顧卿也順勢張開雙臂迎接她,沒有感覺絲毫不妥,安撫似的拍拍她的背,只是這嘴角是怎麼也放不下來。
不多時,不知是不是聽見了她召喚,花苑中突然出現了點點幽綠的光越來越多。
他拍了拍懷中的人,“小姐找的可是這個?”
沈安歌順着他的動作轉過身來,眸中一下子有了光彩,從他懷中跳出來。
沒多久這手中就抓到了一隻,她興沖沖兩手盒子似的蓋住,轉身就跑到顧卿面前,抬手至於他眼前。
“低一點。”
少女示意他俯下身來,鬼迷心竅似的他也乖巧的低首,沈安歌打開一個縫隙,幽綠的光點在她手掌間遊動着。
“你看,我抓到了,給你。”
少女手中的螢火蟲像是通人性一般,竟在沈安歌打開手掌時乖巧的一動不動。
“你等着,我在去給你捉,捉夠一百隻。”
想了想,她又折回來,拉着顧卿一道投入這項行動中。
沈安歌跑的小臉紅撲撲,透出幾分明艷。
“快動呀,愣着做甚?”
少女抓到一隻就給他一隻,就這樣一來一回,抓到又放了已經有很多了,直到這最後一隻,沈安歌跑到池邊差一點就摔進去,嚇得她閉上了眼。
預想中冰冷沒有感受到,倒是落入一個穩當的懷抱,一個轉身顧卿將人橫抱起來,朝着水榭走去,嘴角彎彎很是好看。
“抓到了。”
沈安歌手中最後一隻螢火蟲飛了,沒顧得上抓回來,開口道:“心情好些了?”
原來,這才是她的目的。
夜晚的風柔和細膩,檐下的燈籠微微晃動着,顧卿的臉上有了暖意。
顧卿平穩的將她放在椅子上,半蹲在她面前,低頭仔細替她掃掉裙擺上纏着的草,還有繡鞋上的膩。
隨後望了望周邊的點點綠光,悠然開口:“若是小姐能讓礙事的人消失,我的心情或許會更好些。
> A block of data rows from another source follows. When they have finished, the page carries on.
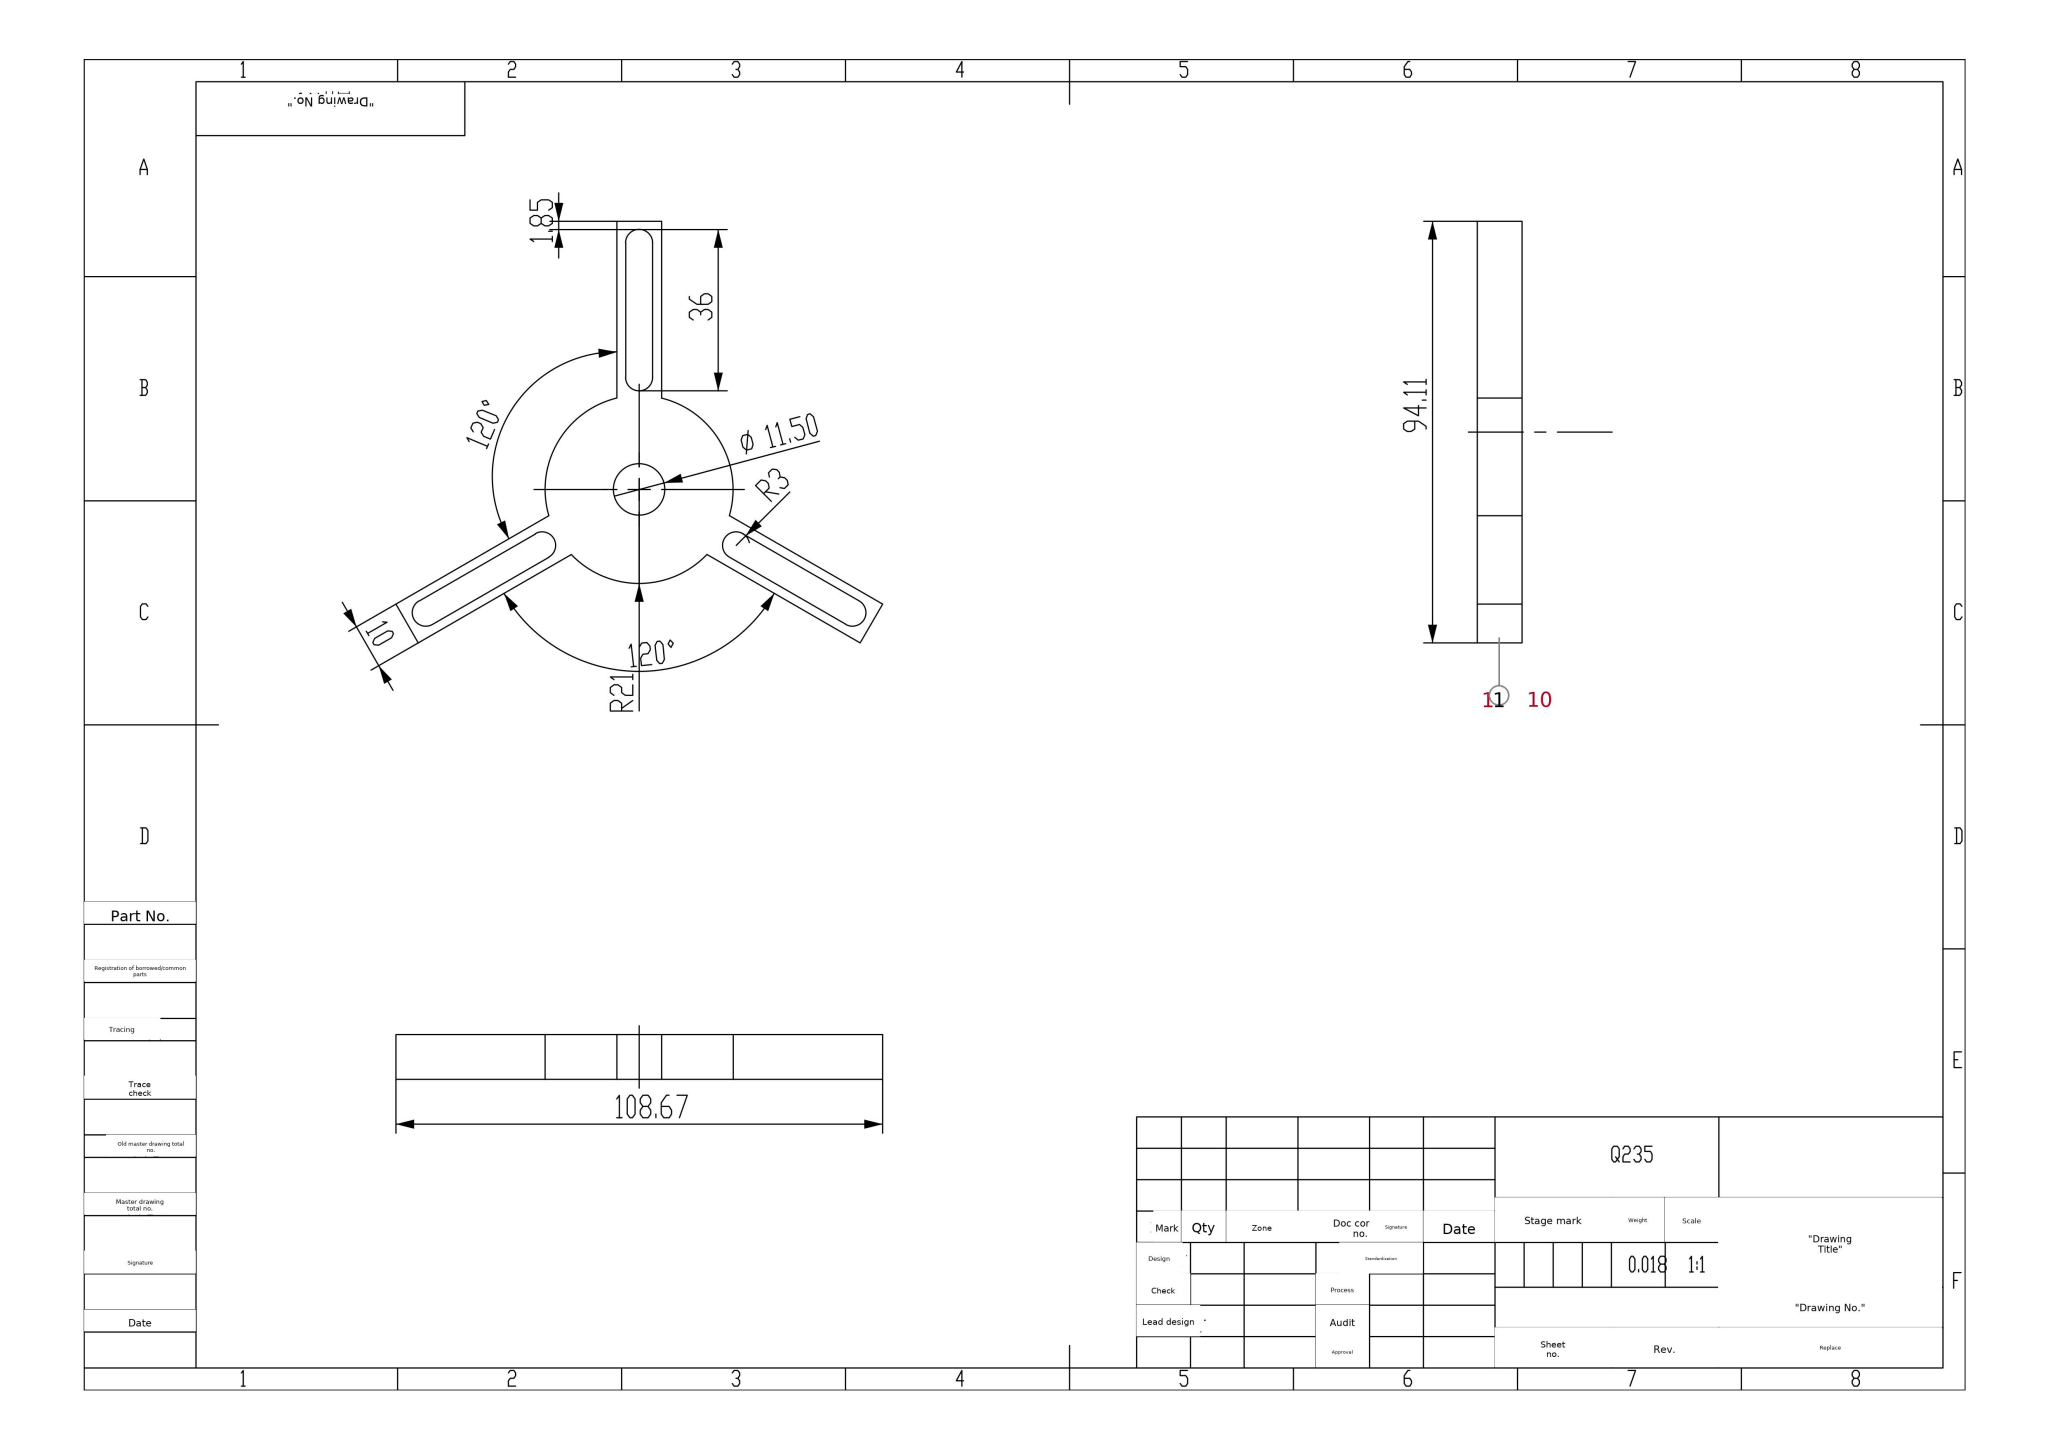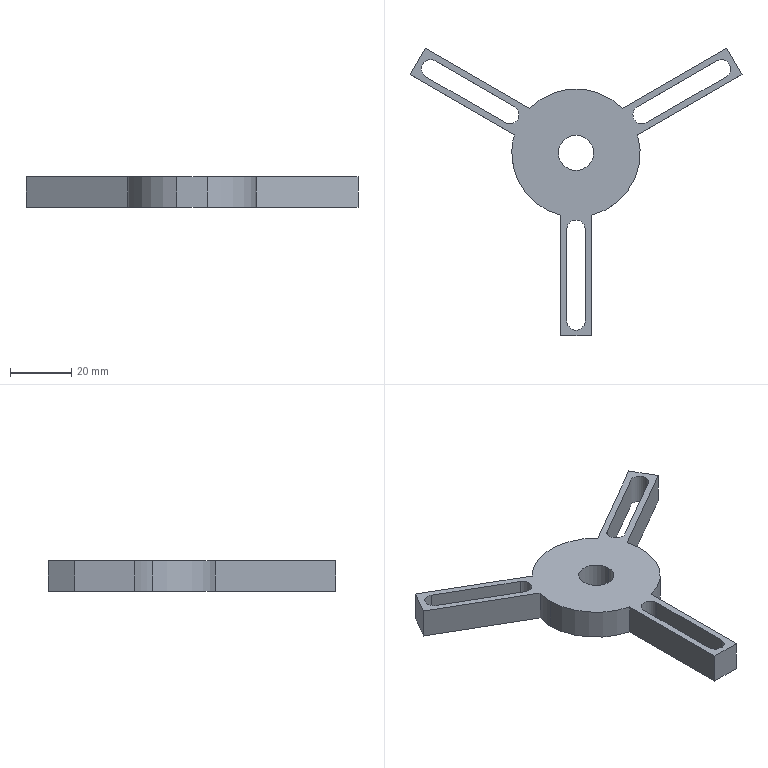Part | SolidWorks | mm | material Q235 | 1 solid | 31 faces | box 108.67 x 94.11 x 10 mm | volume 18283 mm3 | plane 17 | cylinder 14 | commonest cylinder face diameters 6 x8 42 x4 11.5 x2
build123d program:
from build123d import *

# Parameters (mm, degrees)
SKETCH1_R           = 21
SKETCH1_R_2         = 5.75
BOSS_EXTRUDE1_DEPTH = 10
BOSS_EXTRUDE2_DEPTH = 10
CUT_EXTRUDE1_DEPTH  = 65.213
CIRPATTERN1_COUNT   = 3


with BuildPart() as part:
    # Sketch1 → Boss-Extrude1 (new body)
    with BuildSketch(Plane.XY):
        Circle(SKETCH1_R)
        Circle(SKETCH1_R_2, mode=Mode.SUBTRACT)
    extrude(amount=BOSS_EXTRUDE1_DEPTH)

    # Sketch2 → Boss-Extrude2 (add)
    with BuildSketch(Plane(origin=(0, 0, 0), x_dir=(-1, 0, 0), z_dir=(0, 0, -1))):
        with BuildLine():
            ThreePointArc((5, -20.396), (0, -21), (-5, -20.396))
            Line((-5, -20.396), (-5, -59.853))
            Line((-5, -59.853), (5, -59.853))
            Line((5, -59.853), (5, -20.396))
        make_face()
    boss_extrude2 = extrude(amount=-BOSS_EXTRUDE2_DEPTH)

    # Sketch3 → Cut-Extrude1 (cut, through all)
    with BuildSketch(Plane(origin=(0, 0, 0), x_dir=(-1, 0, 0), z_dir=(0, 0, -1))):
        with BuildLine():
            Line((3, -25), (3, -55))
            ThreePointArc((3, -55), (0, -58), (-3, -55))
            Line((-3, -55), (-3, -25))
            ThreePointArc((-3, -25), (0, -22), (3, -25))
        make_face()
    cut_extrude1 = extrude(amount=-CUT_EXTRUDE1_DEPTH, mode=Mode.SUBTRACT)

    # CirPattern1: Boss-Extrude2, Cut-Extrude1 ×3 about axis
    cirpattern1_axis = Axis((0, 0, 0), (0, 0, 1))
    add([boss_extrude2.rotate(cirpattern1_axis, i * 360 / CIRPATTERN1_COUNT) for i in range(1, CIRPATTERN1_COUNT)])
    add([cut_extrude1.rotate(cirpattern1_axis, i * 360 / CIRPATTERN1_COUNT) for i in range(1, CIRPATTERN1_COUNT)], mode=Mode.SUBTRACT)


solid = part.part
STEP:
#1=CARTESIAN_POINT('',(-50.631,27.5,10.));
#2=VERTEX_POINT('',#1);
#3=CARTESIAN_POINT('',(-46.131,30.098,10.));
#4=VERTEX_POINT('',#3);
#5=CARTESIAN_POINT('',(-47.631,27.5,10.));
#6=DIRECTION('',(0.,0.,-1.));
#7=DIRECTION('',(0.5,0.866,0.));
#8=AXIS2_PLACEMENT_3D('',#5,#6,#7);
#9=CIRCLE('',#8,3.);
#10=EDGE_CURVE('',#2,#4,#9,.T.);
#11=ORIENTED_EDGE('',*,*,#10,.F.);
#12=CARTESIAN_POINT('',(-50.631,27.5,0.));
#13=VERTEX_POINT('',#12);
#14=CARTESIAN_POINT('',(-50.631,27.5,10.));
#15=DIRECTION('',(0.,0.,-1.));
#16=VECTOR('',#15,1000.);
#17=LINE('',#14,#16);
#18=EDGE_CURVE('',#2,#13,#17,.T.);
#19=ORIENTED_EDGE('',*,*,#18,.T.);
#20=CARTESIAN_POINT('',(-46.131,30.098,0.));
#21=VERTEX_POINT('',#20);
#22=CARTESIAN_POINT('',(-47.631,27.5,0.));
#23=DIRECTION('',(0.,0.,-1.));
#24=DIRECTION('',(0.5,0.866,0.));
#25=AXIS2_PLACEMENT_3D('',#22,#23,#24);
#26=CIRCLE('',#25,3.);
#27=EDGE_CURVE('',#13,#21,#26,.T.);
#28=ORIENTED_EDGE('',*,*,#27,.T.);
#29=CARTESIAN_POINT('',(-46.131,30.098,10.));
#30=DIRECTION('',(0.,0.,-1.));
#31=VECTOR('',#30,1000.);
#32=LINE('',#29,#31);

”
沈安歌不明所以,問:“誰礙你事了?”
誰這麼不要命了?
顧卿沒說話,視線看着迴廊處巡夜回來的一人,眸色黑沉冰涼,勾唇笑了聲。
“小姐又不許我殺人,保他也不是一次兩次了,不妨自己琢磨?”
她保誰了?怎麼沒有一點印象。
今夜這螢火蟲也白捉了:今日誰惹顧卿了?
他分外難纏不說,說話也總是夾槍帶棒的。
“付九,說好了抓到一百隻就能達成所願,這最後一隻方才也沒抓住。”
要是抓住了,她說不定還能要求顧卿答應她一件事。
“夜色深了,小姐該去睡了。”
顧卿並沒有搭話,而是抱着她起身走向寢房。
他這是打算直接送她回房?
“付九,你放我下來,我自己可以走,不用你送。”
“好不容易抓到的最後一隻,怎麼能放掉呢?合該找個金籠子裝起來才是。”
他這又是哪根經搭不對了?說的什麼亂七八糟的。
直到他將沈安歌穩當放在榻上,留下一句。
“小姐早些歇息。”
“欸!”
少年沒有聽她的話,轉身關了門扉。
……
迴廊下,那個暗處的身影見兩人遠去,這才現身出來。
沈白心中懷着心思,眼中寫着擔憂。
前些日子從侍衛手中拿到的情報,雖然只有寥寥幾個字,他總覺得有什麼重要的事。
這個少年在他最疼愛的妹妹身邊,就是一個定時禍患。